In my first college relationship, after a year of possession that felt like love he said, “This is only temporary. I need some time.” I believed him. Night after night, I’d leave my door unlocked, waiting for the times when he’d crawl in the bed next to me. Most nights, he never came. And the nights he did, he was so preoccupied, so consumed with everything but loving me, that he might as well had been gone.

The summer after my freshman year in college, my mother went to visit my second stepdad in Houston. We were staying with cousins in Atlanta at the time. She grabbed her suitcase, kissed me on my forehead. On her way out, she yelled over her shoulder, “I’ll be back!!!” She never came back. She moved to Houston and came back a few weeks later, briefly, only to retrieve her things. Late one night, I packed up all my things and went to stay with my daddy because my mama had left.

Over Christmas this year, as I’m sitting watching the Disney Channel, “Dangerously in Love” rings on my phone. It’s my boyfriend and something is wrong. “I’m getting deployed. I’m going to Iraq.” I don’t remember much else about that night, many tears, lots of anger and the sinking familiar feeling that I had, somehow, done this before. Trying hard not to be accused of being difficult or not understanding, trying to be selfless and put someone else’s feelings ahead of my own, I tried to reason that it wasn’t like he was choosing to leave. “I’ll be back. I’m coming home.” Only time will tell if that’s true or not.

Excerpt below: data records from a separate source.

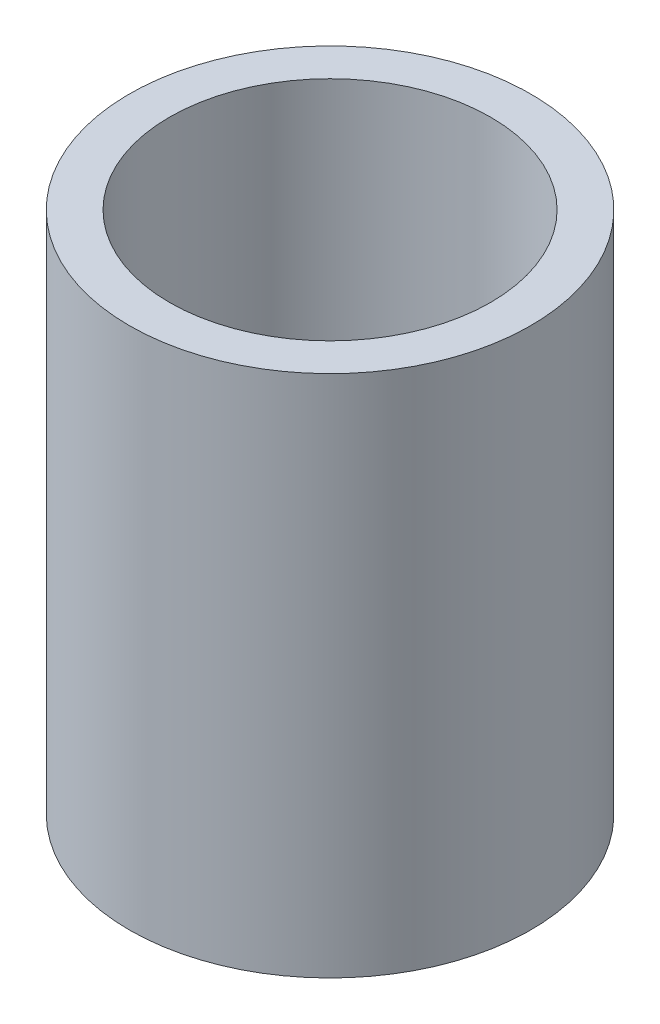
from build123d import *

# Parameters (mm, degrees)
TUBE_PROFILE_125_100_R   = 62.5
TUBE_PROFILE_125_100_R_2 = 50
SPACER_TUBE_L163_DEPTH   = 81.5


with BuildPart() as part:
    # Tube Profile Ø125-Ø100 → Spacer Tube L163 (new, symmetric)
    with BuildSketch(Plane(origin=(0, 0, 0), x_dir=(1, 0, 0), z_dir=(0, 1, 0))):
        with Locations(Location((0, 0, 0), (0, 0, 270))):
            Circle(TUBE_PROFILE_125_100_R)
        with Locations(Location((0, 0, 0), (0, 0, 270))):
            Circle(TUBE_PROFILE_125_100_R_2, mode=Mode.SUBTRACT)
    extrude(amount=SPACER_TUBE_L163_DEPTH, both=True)


solid = part.part

I said that all to say that I have found my greatest fear. My greatest fear is being left. Of hanging on to buoys of promises to return that do nothing but carry me further out to sea. My whole life is governed by this fear, everything I do, everything I am or everything I give or carry close, is controlled by the fear of being left. I govern my friendships by it, my relationships according to it, the intensity with which I follow my career goals is fueled by the sheer terror of somehow, even at 21, becoming that same five year old girl again sitting in a window, streams of dawn creeping across my face. I have been left so often that it seems commonplace, standard operating procedure, more so the rule than the exception. And I have so become used to it that I take very little comfort in the presence of others, hold very little stock in relationships because, as I know firsthand, they’ll end. In the most natural way, I have adapted into a creature that has mastered the art of leaving first because, after all, leaving is not the same as being left.

One thought on “Hegira

  1. My heart broke for you… and cracked a little more with each line. I know this post is years old, but the words still ring ever true for so many little girls playing dress-up in adult bodies (myself included).